The junior and sophomore classes had been requested to go directly to the Omnibus House.
"It would be great to have both classes march out there, but we should have the whole of Oakdale marching with us before we arrived at the sacred spot," observed Grace, with a giggle.
"If we don't have a lot of freshmen to suppress it will be surprising. I do hope the girls haven't told anyone," Julia answered. "By the way, we have a hatchet at home that will be just the thing to bury. It is more like a battle-ax than anything else, and looks formidable enough to represent the feeling that the juniors and sophomores are about to bury. Now, Grace, you must prepare a speech, for we ought to have representative remarks from both classes. Then Anne Pierson must recite 'The Bridge of Sighs,' after I have made it over to suit the occasion. We'll have to have some pallbearers. Three girls from each class will do."
Julia planned rapidly and well. Grace listened attentively. The junior captain had remarkable energy. It was easy to see why Julia had always headed her class. Julia in turn, was equally impressed with Grace's ability. A mutual admiration society bade fair to spring up between the two, so recently at swords' points.
On Saturday the weather left nothing to be desired. It seemed like a day in late spring, although it was in reality early March. At one o'clock precisely the two classes, with the exception of one member, assembled. Julia Crosby acting as master of ceremonies, formed the classes in two lines, and marched them to the middle of the field. Here, to their complete mystification, they saw a large hole about four feet in depth had been dug.

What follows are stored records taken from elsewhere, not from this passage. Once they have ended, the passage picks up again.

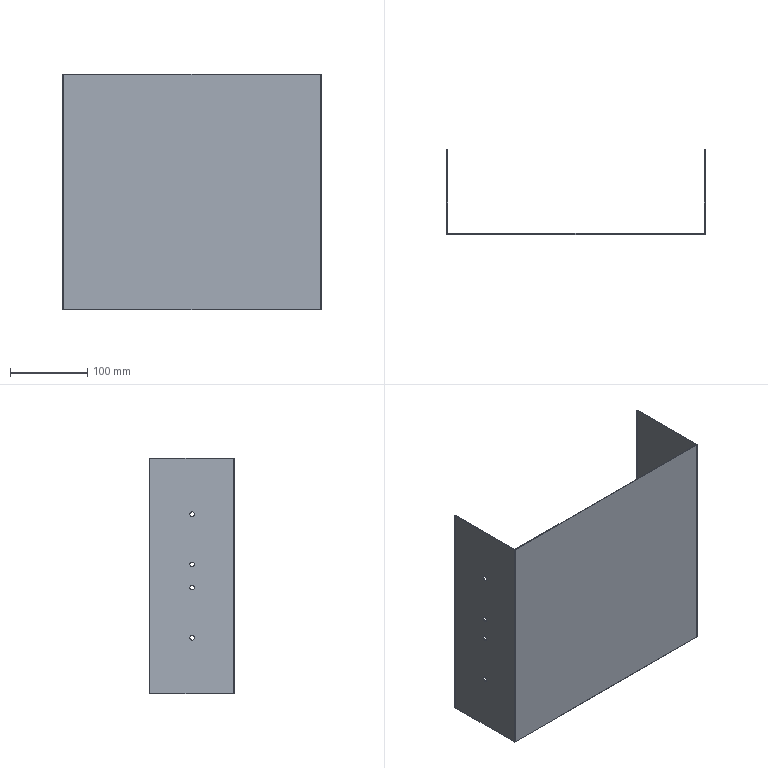Component | SolidWorks | WeldmentDrawing-1_DrawerBox-1 | 1 solid | 38 faces | box 335 x 110 x 305 mm | volume 168282 mm3 | cylinder 20 | plane 18 | commonest cylinder face diameters 6 x16 2.2 x2 0.2 x2
STEP:
#1=COLOUR_RGB('',0.7922,0.8196,0.9333);
#2=FILL_AREA_STYLE_COLOUR('',#1);
#3=FILL_AREA_STYLE('',(#2));
#4=SURFACE_STYLE_FILL_AREA(#3);
#5=SURFACE_SIDE_STYLE('',(#4));
#6=SURFACE_STYLE_USAGE(.BOTH.,#5);
#7=PRESENTATION_STYLE_ASSIGNMENT((#6));
#8=CARTESIAN_POINT('',(-7.849,-9.742,-0.09842));
#9=VERTEX_POINT('',#8);
#10=CARTESIAN_POINT('',(-7.849,-9.506,-0.09842));
#11=VERTEX_POINT('',#10);
#12=CARTESIAN_POINT('',(-7.849,-9.624,-0.09842));
#13=DIRECTION('',(1.,-0.,0.));
#14=DIRECTION('',(0.,-1.,0.));
#15=AXIS2_PLACEMENT_3D('',#12,#13,#14);
#16=CIRCLE('',#15,0.1181);
#17=EDGE_CURVE('',#9,#11,#16,.T.);
#18=ORIENTED_EDGE('',*,*,#17,.F.);
#19=CARTESIAN_POINT('',(-7.809,-9.742,-0.09842));
#20=VERTEX_POINT('',#19);
#21=CARTESIAN_POINT('',(-7.849,-9.742,-0.09842));
#22=DIRECTION('',(1.,-0.,0.));
#23=VECTOR('',#22,39.37);
#24=LINE('',#21,#23);
#25=EDGE_CURVE('',#9,#20,#24,.T.);
#26=ORIENTED_EDGE('',*,*,#25,.T.);
#27=CARTESIAN_POINT('',(-7.809,-9.506,-0.09842));
#28=VERTEX_POINT('',#27);
#29=CARTESIAN_POINT('',(-7.809,-9.624,-0.09842));
#30=DIRECTION('',(1.,0.,0.));
#31=DIRECTION('',(0.,1.,0.));
#32=AXIS2_PLACEMENT_3D('',#29,#30,#31);
#33=CIRCLE('',#32,0.1181);
#34=EDGE_CURVE('',#20,#28,#33,.T.);
#35=ORIENTED_EDGE('',*,*,#34,.T.);
#36=CARTESIAN_POINT('',(-7.849,-9.506,-0.09842));
#37=DIRECTION('',(1.,-0.,0.));
#38=VECTOR('',#37,39.37);
#39=LINE('',#36,#38);
#40=EDGE_CURVE('',#11,#28,#39,.T.);
#41=ORIENTED_EDGE('',*,*,#40,.F.);
#42=EDGE_LOOP('',(#18,#26,#35,#41));
#43=FACE_OUTER_BOUND('',#42,.T.);
#44=CARTESIAN_POINT('',(-7.849,-9.624,-0.09842));
#45=DIRECTION('',(1.,-0.,0.));
#46=DIRECTION('',(0.,1.,0.));
#47=AXIS2_PLACEMENT_3D('',#44,#45,#46);
#48=CYLINDRICAL_SURFACE('',#47,0.1181);
#49=ADVANCED_FACE('',(#43),#48,.F.);
#50=CARTESIAN_POINT('',(5.301,-9.506,-0.09842));
#51=VERTEX_POINT('',#50);
#52=CARTESIAN_POINT('',(5.301,-9.742,-0.09842));
#53=VERTEX_POINT('',#52);
#54=CARTESIAN_POINT('',(5.301,-9.624,-0.09842));
#55=DIRECTION('',(-1.,0.,0.));
#56=DIRECTION('',(0.,-1.,0.));
#57=AXIS2_PLACEMENT_3D('',#54,#55,#56);
#58=CIRCLE('',#57,0.1181);
#59=EDGE_CURVE('',#51,#53,#58,.T.);
#60=ORIENTED_EDGE('',*,*,#59,.T.);
#61=CARTESIAN_POINT('',(5.34,-9.742,-0.09842));
#62=VERTEX_POINT('',#61);
#63=CARTESIAN_POINT('',(-7.849,-9.742,-0.09842));
#64=DIRECTION('',(1.,-0.,0.));
#65=VECTOR('',#64,39.37);
#66=LINE('',#63,#65);
#67=EDGE_CURVE('',#53,#62,#66,.T.);
#68=ORIENTED_EDGE('',*,*,#67,.T.);
#69=CARTESIAN_POINT('',(5.34,-9.506,-0.09842));
#70=VERTEX_POINT('',#69);
#71=CARTESIAN_POINT('',(5.34,-9.624,-0.09842));
#72=DIRECTION('',(1.,-0.,0.));
#73=DIRECTION('',(0.,-1.,0.));
#74=AXIS2_PLACEMENT_3D('',#71,#72,#73);
#75=CIRCLE('',#74,0.1181);
#76=EDGE_CURVE('',#62,#70,#75,.T.);
#77=ORIENTED_EDGE('',*,*,#76,.T.);
#78=CARTESIAN_POINT('',(-7.849,-9.506,-0.09842));
#79=DIRECTION('',(1.,-0.,0.));
#80=VECTOR('',#79,39.37);
#81=LINE('',#78,#80);
#82=EDGE_CURVE('',#51,#70,#81,.T.);
#83=ORIENTED_EDGE('',*,*,#82,.F.);
#84=EDGE_LOOP('',(#60,#68,#77,#83));
#85=FACE_OUTER_BOUND('',#84,.T.);
#86=CARTESIAN_POINT('',(-7.849,-9.624,-0.09842));
#87=DIRECTION('',(1.,-0.,0.));
#88=DIRECTION('',(0.,1.,0.));
#89=AXIS2_PLACEMENT_3D('',#86,#87,#88);
#90=CYLINDRICAL_SURFACE('',#89,0.1181);
#91=ADVANCED_FACE('',(#85),#90,.F.);
#92=CARTESIAN_POINT('',(-7.849,-9.742,2.461));
#93=VERTEX_POINT('',#92);
#94=CARTESIAN_POINT('',(-7.849,-9.506,2.461));
#95=VERTEX_POINT('',#94);
#96=CARTESIAN_POINT('',(-7.849,-9.624,2.461));
#97=DIRECTION('',(1.,-0.,0.));
#98=DIRECTION('',(0.,-1.,0.));
#99=AXIS2_PLACEMENT_3D('',#96,#97,#98);
#100=CIRCLE('',#99,0.1181);
#101=EDGE_CURVE('',#93,#95,#100,.T.);
#102=ORIENTED_EDGE('',*,*,#101,.F.);
#103=CARTESIAN_POINT('',(-7.809,-9.742,2.461));
#104=VERTEX_POINT('',#103);
#105=CARTESIAN_POINT('',(-7.849,-9.742,2.461));
#106=DIRECTION('',(1.,-0.,0.));
#107=VECTOR('',#106,39.37);
#108=LINE('',#105,#107);
#109=EDGE_CURVE('',#93,#104,#108,.T.);
#110=ORIENTED_EDGE('',*,*,#109,.T.);
#111=CARTESIAN_POINT('',(-7.809,-9.506,2.461));
#112=VERTEX_POINT('',#111);
#113=CARTESIAN_POINT('',(-7.809,-9.624,2.461));
#114=DIRECTION('',(1.,0.,0.));
#115=DIRECTION('',(0.,1.,0.));
#116=AXIS2_PLACEMENT_3D('',#113,#114,#115);
#117=CIRCLE('',#116,0.1181);
#118=EDGE_CURVE('',#104,#112,#117,.T.);
#119=ORIENTED_EDGE('',*,*,#118,.T.);
#120=CARTESIAN_POINT('',(-7.849,-9.506,2.461));
#121=DIRECTION('',(1.,-0.,0.));
#122=VECTOR('',#121,39.37);
#123=LINE('',#120,#122);
#124=EDGE_CURVE('',#95,#112,#123,.T.);
#125=ORIENTED_EDGE('',*,*,#124,.F.);
#126=EDGE_LOOP('',(#102,#110,#119,#125));
#127=FACE_OUTER_BOUND('',#126,.T.);
#128=CARTESIAN_POINT('',(-7.849,-9.624,2.461));
#129=DIRECTION('',(1.,-0.,0.));
#130=DIRECTION('',(0.,1.,0.));
#131=AXIS2_PLACEMENT_3D('',#128,#129,#130);
#132=CYLINDRICAL_SURFACE('',#131,0.1181);
#133=ADVANCED_FACE('',(#127),#132,.F.);
#134=CARTESIAN_POINT('',(5.301,-9.506,2.461));
#135=VERTEX_POINT('',#134);
#136=CARTESIAN_POINT('',(5.301,-9.742,2.461));
#137=VERTEX_POINT('',#136);
#138=CARTESIAN_POINT('',(5.301,-9.624,2.461));
#139=DIRECTION('',(-1.,0.,0.));
#140=DIRECTION('',(0.,-1.,0.));
#141=AXIS2_PLACEMENT_3D('',#138,#139,#140);
#142=CIRCLE('',#141,0.1181);
#143=EDGE_CURVE('',#135,#137,#142,.T.);
#144=ORIENTED_EDGE('',*,*,#143,.T.);
#145=CARTESIAN_POINT('',(5.34,-9.742,2.461));
#146=VERTEX_POINT('',#145);
#147=CARTESIAN_POINT('',(-7.849,-9.742,2.461));
#148=DIRECTION('',(1.,-0.,0.));
#149=VECTOR('',#148,39.37);
#150=LINE('',#147,#149);
#151=EDGE_CURVE('',#137,#146,#150,.T.);
#152=ORIENTED_EDGE('',*,*,#151,.T.);
#153=CARTESIAN_POINT('',(5.34,-9.506,2.461));
#154=VERTEX_POINT('',#153);
#155=CARTESIAN_POINT('',(5.34,-9.624,2.461));
#156=DIRECTION('',(1.,-0.,0.));
#157=DIRECTION('',(0.,-1.,0.));
#158=AXIS2_PLACEMENT_3D('',#155,#156,#157);
#159=CIRCLE('',#158,0.1181);
#160=EDGE_CURVE('',#146,#154,#159,.T.);
#161=ORIENTED_EDGE('',*,*,#160,.T.);
#162=CARTESIAN_POINT('',(-7.849,-9.506,2.461));
#163=DIRECTION('',(1.,-0.,0.));
#164=VECTOR('',#163,39.37);
#165=LINE('',#162,#164);
#166=EDGE_CURVE('',#135,#154,#165,.T.);
#167=ORIENTED_EDGE('',*,*,#166,.F.);
#168=EDGE_LOOP('',(#144,#152,#161,#167));
#169=FACE_OUTER_BOUND('',#168,.T.);
#170=CARTESIAN_POINT('',(-7.849,-9.624,2.461));
#171=DIRECTION('',(1.,-0.,0.));
#172=DIRECTION('',(0.,1.,0.));
#173=AXIS2_PLACEMENT_3D('',#170,#171,#172);
#174=CYLINDRICAL_SURFACE('',#173,0.1181);
#175=ADVANCED_FACE('',(#169),#174,.F.);
#176=CARTESIAN_POINT('',(-7.849,-9.742,3.642));
#177=VERTEX_POINT('',#176);
#178=CARTESIAN_POINT('',(-7.849,-9.506,3.642));
#179=VERTEX_POINT('',#178);
#180=CARTESIAN_POINT('',(-7.849,-9.624,3.642));
#181=DIRECTION('',(1.,-0.,0.));
#182=DIRECTION('',(0.,1.,0.));
#183=AXIS2_PLACEMENT_3D('',#180,#181,#182);
#184=CIRCLE('',#183,0.1181);
#185=EDGE_CURVE('',#177,#179,#184,.T.);
#186=ORIENTED_EDGE('',*,*,#185,.F.);
#187=CARTESIAN_POINT('',(-7.809,-9.742,3.642));
#188=VERTEX_POINT('',#187);
#189=CARTESIAN_POINT('',(-7.849,-9.742,3.642));
#190=DIRECTION('',(1.,-0.,0.));
#191=VECTOR('',#190,39.37);
#192=LINE('',#189,#191);
#193=EDGE_CURVE('',#177,#188,#192,.T.);
#194=ORIENTED_EDGE('',*,*,#193,.T.);
#195=CARTESIAN_POINT('',(-7.809,-9.506,3.642));
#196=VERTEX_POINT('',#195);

"Who on earth dug that hole, and what is it for?" inquired a curious sophomore.
"Hush!" said Julia Crosby reverently. "That is a grave. Be patient. Curb your rising curiosity. Soon you shall know all."
"Assistant Master Harlowe, will you arrange the esteemed spectators, so that the ceremony may proceed?"
Grace stepped forward and solemnly requested the girls to form a double line on each side of the opening. The shorter girls were placed in the front rows.
"The sophomores will now sing their class song," directed the master of ceremonies.
When the sophomores had finished, the juniors applauded vigorously. The juniors' song was next in order and the sophomores graciously returned the applause.
"I will now request the worthy junior members Olive Craig, Anne Green and Elsie Todd, to advance. Honorable Assistant Master Harlowe, will you name your trusted followers?"
Grace named Nora, Jessica and Marian Barber who came to her side with alacrity.